Potential Gradient relation I was just wondering why exactly the force is the negative gradient of the potential, which is shown by the relation $${\bf F}=−{\bf∇}V$$I know that this equation only holds for conservative forces, where the potential only depends on the position of an object. The only problem I have is why there is a minus sign/ what the minus sign means in a physical context. 
 A: Well, despite the fact that the other answers are interesting, I'd prefer going directly to the "origin" of this thing, rather than its useful physical meaning.
The key idea is that

The minus sign is just a convention.

Forces do exist, and we define the potential based on them, not vice-versa.
By the way, I am commiting the mistake I hate: we are talking about potentials. But actually, the relation is
$$ \vec{F}=-\vec{\nabla}E_p$$
Where $E_p$ is the potential energy. You'll say: "that's what I wrote", yes, but we are lazy and we say "potential", but we write potential energy. I curse the person who decided to use $V$ for potential energy, when it was being used for "potential", as in Volts of electric potential. Volts $\neq$ joules, you know.
Well, sorry, back to the topic. The thing is that, the only thing we know is:


*

*A Conservative force is such that the work done by it does not depend on the path. 
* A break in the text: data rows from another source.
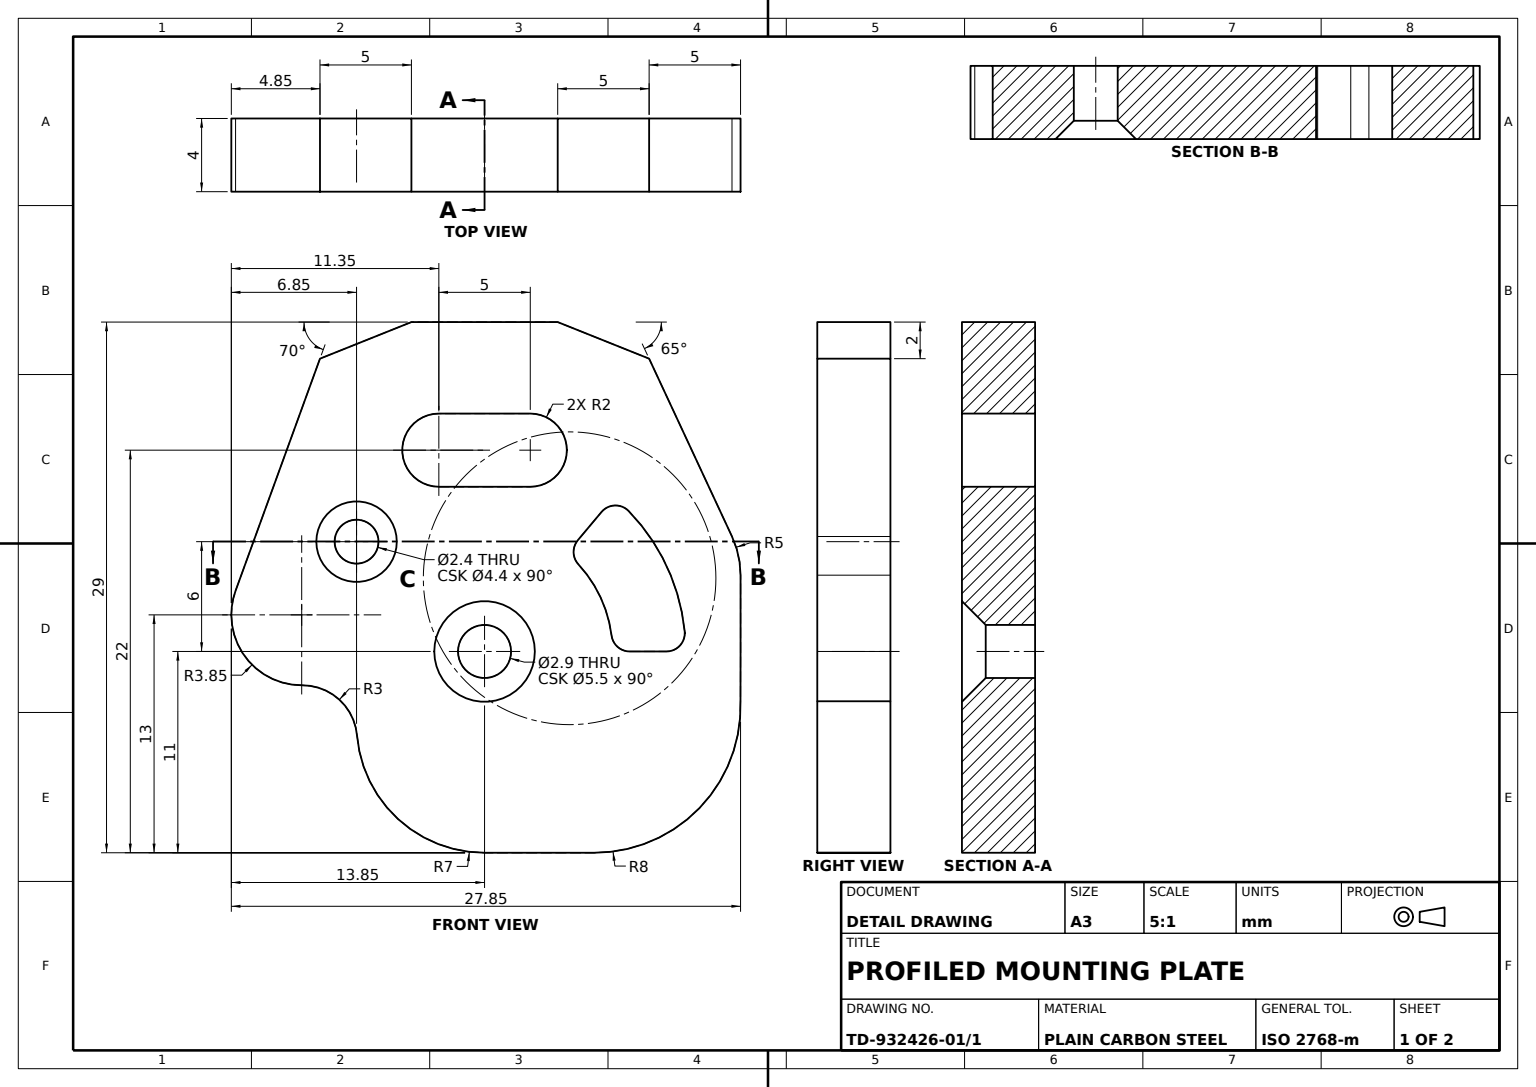
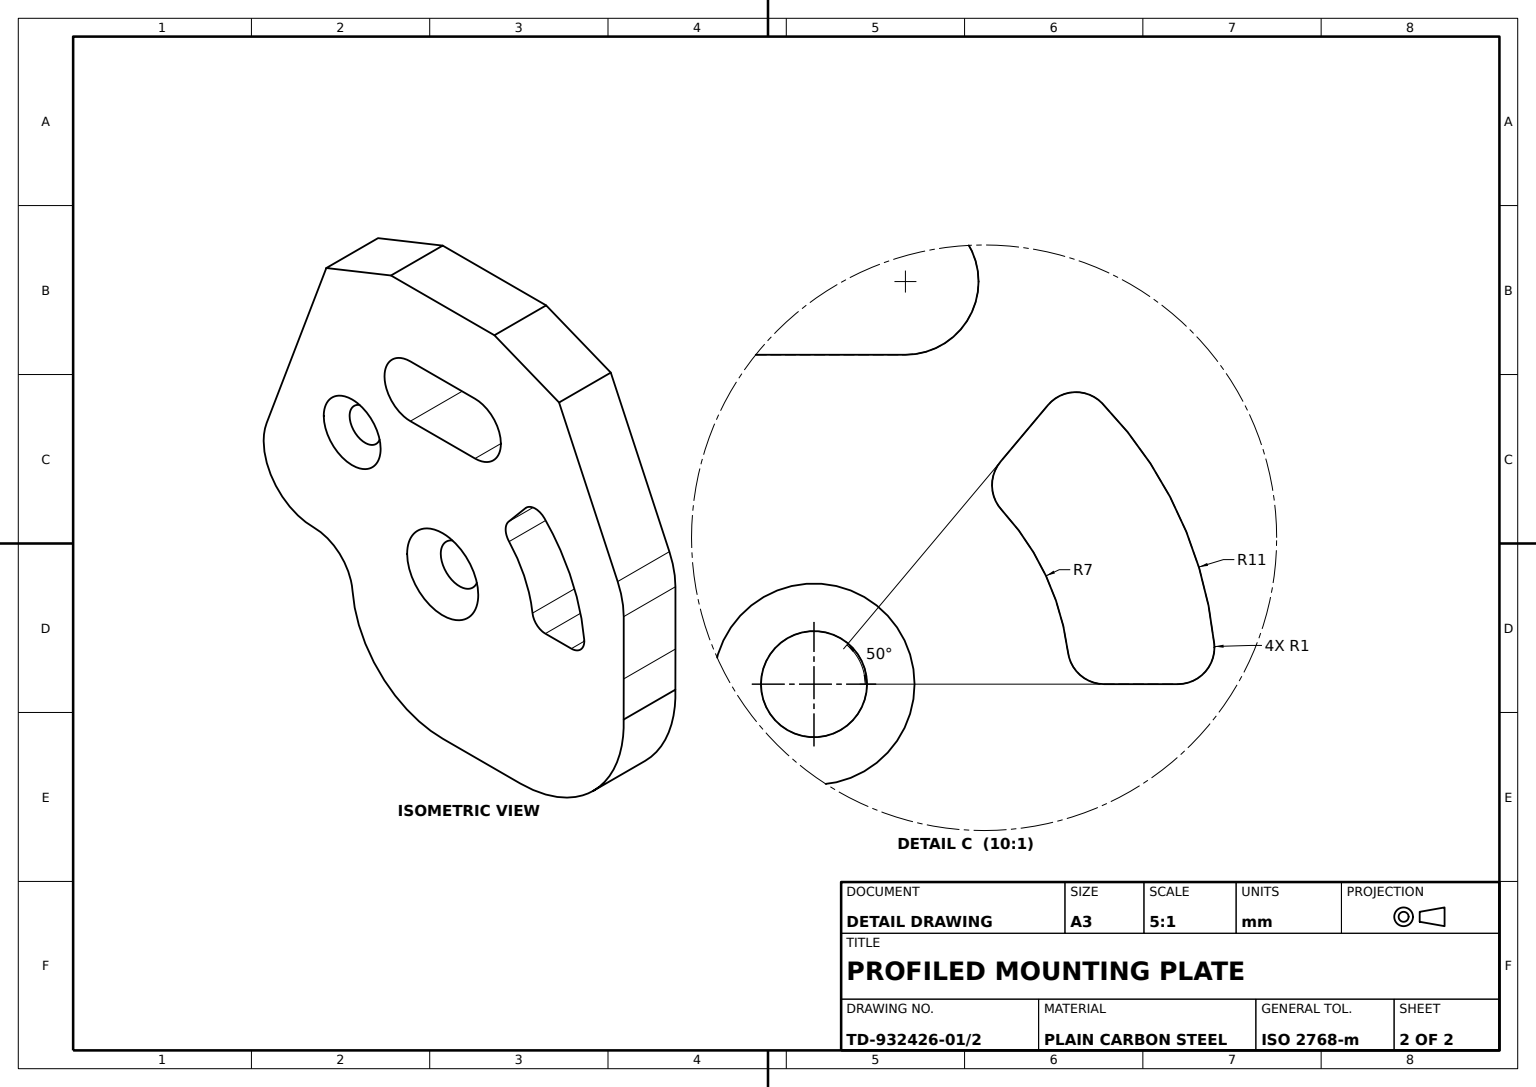
from build123d import *

# Parameters (mm, degrees)
CAM_PLATE_4MM_DEPTH       = 4
SLOTS_CUT_DEPTH           = 4
CSK_HOLE_M2_5_D           = 2.9
CSK_HOLE_M2_5_DEPTH       = 29
CSK_HOLE_M2_5_CSINK_D     = 5.5
CSK_HOLE_M2_5_CSINK_ANGLE = 90
CSK_HOLE_M2_5_TIP         = 0.871247898
CSK_HOLE_M2_D             = 2.4
CSK_HOLE_M2_DEPTH         = 29
CSK_HOLE_M2_CSINK_D       = 4.4
CSK_HOLE_M2_CSINK_ANGLE   = 90
CSK_HOLE_M2_TIP           = 0.721032743


with BuildPart() as part:
    # Cam Plate Profile Sketch → Cam Plate 4mm (new body)
    with BuildSketch(Plane.XY):
        with BuildLine():
            Line((4, 4.474241718), (-4, 4.474241718))
            Line((-4, 4.474241718), (-9, 2.474241718))
            Line((-9, 2.474241718), (-13.616491046, -10.209463189))
            ThreePointArc((-13.616491046, -10.209463189), (-13.146761684, -13.741504469), (-9.979750738, -15.374294397))
            ThreePointArc((-9.979750738, -15.374294397), (-7.940438794, -16.159442387), (-6.974754793, -18.11972425))
            ThreePointArc((-6.974754793, -18.11972425), (-4.735094414, -22.681229249), (0, -24.525758282))
            Line((0, -24.525758282), (6, -24.525758282))
            ThreePointArc((6, -24.525758282), (11.754495804, -22.083255744), (13.995148957, -16.247202791))
            Line((13.995148957, -16.247202791), (14, -13.525758282))
            Line((14, -13.525758282), (14, -9.356766198))
            ThreePointArc((14, -9.356766198), (13.881480036, -8.274568128), (13.531538935, -7.243674889))
            Line((13.531538935, -7.243674889), (9, 2.474241718))
            Line((9, 2.474241718), (4, 4.474241718))
        make_face()
    extrude(amount=CAM_PLATE_4MM_DEPTH)

    # Slot Profiles Sketch → Slots Cut (cut)
    with BuildSketch(Plane.XY.offset(4)):
        with BuildLine():
            Line((-2.5, -0.525758282), (2.5, -0.525758282))
            ThreePointArc((2.5, -0.525758282), (4.5, -2.525758282), (2.5, -4.525758282))
            Line((2.5, -4.525758282), (-2.5, -4.525758282))
            ThreePointArc((-2.5, -4.525758282), (-4.5, -2.525758282), (-2.5, -0.525758282))
        make_face()
        with BuildLine():
            Line((5.101968483, -7.445469013), (6.395655964, -5.90371231))
            ThreePointArc((6.395655964, -5.90371231), (7.124526222, -5.547191119), (7.877870447, -5.848574084))
            ThreePointArc((7.877870447, -5.848574084), (9.969385657, -8.876957403), (10.944861808, -12.425758282))
            ThreePointArc((10.944861808, -12.425758282), (10.69149422, -13.196578675), (9.949874371, -13.525758282))
            Line((9.949874371, -13.525758282), (7.937253933, -13.525758282))
            ThreePointArc((7.937253933, -13.525758282), (7.275816105, -13.275758282), (6.945097192, -12.650758282))
            ThreePointArc((6.945097192, -12.650758282), (6.344154509, -10.56743045), (5.134511311, -8.76794433))
            ThreePointArc((5.134511311, -8.76794433), (4.868315554, -8.112856688), (5.101968483, -7.445469013))
        make_face()
    extrude(amount=-SLOTS_CUT_DEPTH, mode=Mode.SUBTRACT)

    # CSK Hole M2.5
    with Locations(Plane(origin=(0, -13.525758282, 4), x_dir=(1, 0, 0), z_dir=(0, 0, 1))):
        with Locations((0, 0)):
            CounterSinkHole(CSK_HOLE_M2_5_D / 2, CSK_HOLE_M2_5_CSINK_D / 2, depth=CSK_HOLE_M2_5_DEPTH, counter_sink_angle=CSK_HOLE_M2_5_CSINK_ANGLE)
            with Locations((0, 0, -(CSK_HOLE_M2_5_DEPTH + CSK_HOLE_M2_5_TIP / 2))):  # 118° drill point
                Cone(0, CSK_HOLE_M2_5_D / 2, CSK_HOLE_M2_5_TIP, mode=Mode.SUBTRACT)

    # CSK Hole M2
    with Locations(Plane(origin=(-7, -7.525758282, 4), x_dir=(1, 0, 0), z_dir=(0, 0, 1))):
        with Locations((0, 0)):
            CounterSinkHole(CSK_HOLE_M2_D / 2, CSK_HOLE_M2_CSINK_D / 2, depth=CSK_HOLE_M2_DEPTH, counter_sink_angle=CSK_HOLE_M2_CSINK_ANGLE)
            with Locations((0, 0, -(CSK_HOLE_M2_DEPTH + CSK_HOLE_M2_TIP / 2))):  # 118° drill point
                Cone(0, CSK_HOLE_M2_D / 2, CSK_HOLE_M2_TIP, mode=Mode.SUBTRACT)


solid = part.part

*But that implies that we can write work as "one function", evaluated at the final point, minus the same function evaluated at the initial point:


$$W_{cons}=\int_{\vec{x_0}}^{\vec{x_F}} \vec{F}\cdot d\vec{x}=B(\vec{x_F})-B(\vec{x_0})$$
That's the only thing we know. 
And then, we decide to define a new function, called "potential energy", such that
$$E_p=-B$$
And we do that because
$$W_{Total}=\Delta E_k$$
$$W_{total}=W_{cons}+W_{not \ cons}$$
So
$$\Delta E_k = W_{not\ cons}+ \Delta B$$
$$\Delta E_k - \Delta B= W_{not\ cons}$$
And that's it. We could just work with that formula. But, we prefer having a possitive quantity, so we write
$$\Delta E_k + \Delta E_p= W_{not\ cons}$$
And so, we can think of potential energy in the same way as kinetic energy, in the sense of, "the more energy, the more work". 
That is the actual reason for the minus sign. But, as I said, it's just a convention. We could just work with the opposite funcion, which I called $B$.
Hope I helped.
A: The gradient is a vector pointing to the direction where the change of $V$ is maximum. If a force $F$ is pointing in the direction of $-\nabla V$, it will push you in the direction where $V$ decreases the fastest. Think of a little marble placed on the edge of a bowl - it will roll down, but in which way? It can go down in a helix or just roll down to the center, and it chooses the second - why is that? Because that is the direction of fastest decrease in height (and thus gravitational potential energy). That is the physical meaning of the minus sign. If it was a plus, the ball would roll up the potential.
A: One of the simplest ways to look at this is in 1 dimension:
$$F=-\frac{\text{d}V}{\text{d}x}$$
Imagine a ball in a hilly landscape.  Plotting a graph of gravitational potential energy vs $x$ might look something like

If the ball is at position $A$, then the gradient of the potential energy with $x$ is negative, and the resulting force will be in the positive $x$-direction.
If the ball is at position $B$, then the gradient of potential energy with $x$ is positive, so the force is in the negative $x$ direction.
This overall point here is that things like to try and lower their (potential) energy if they can.  This means that if in a certain direction the potential energy is going to increase, the ball is going to want to move $away$ from this, and in a direction where the ball is decreasing potential energy, until equilibrium is reached at a stationary point.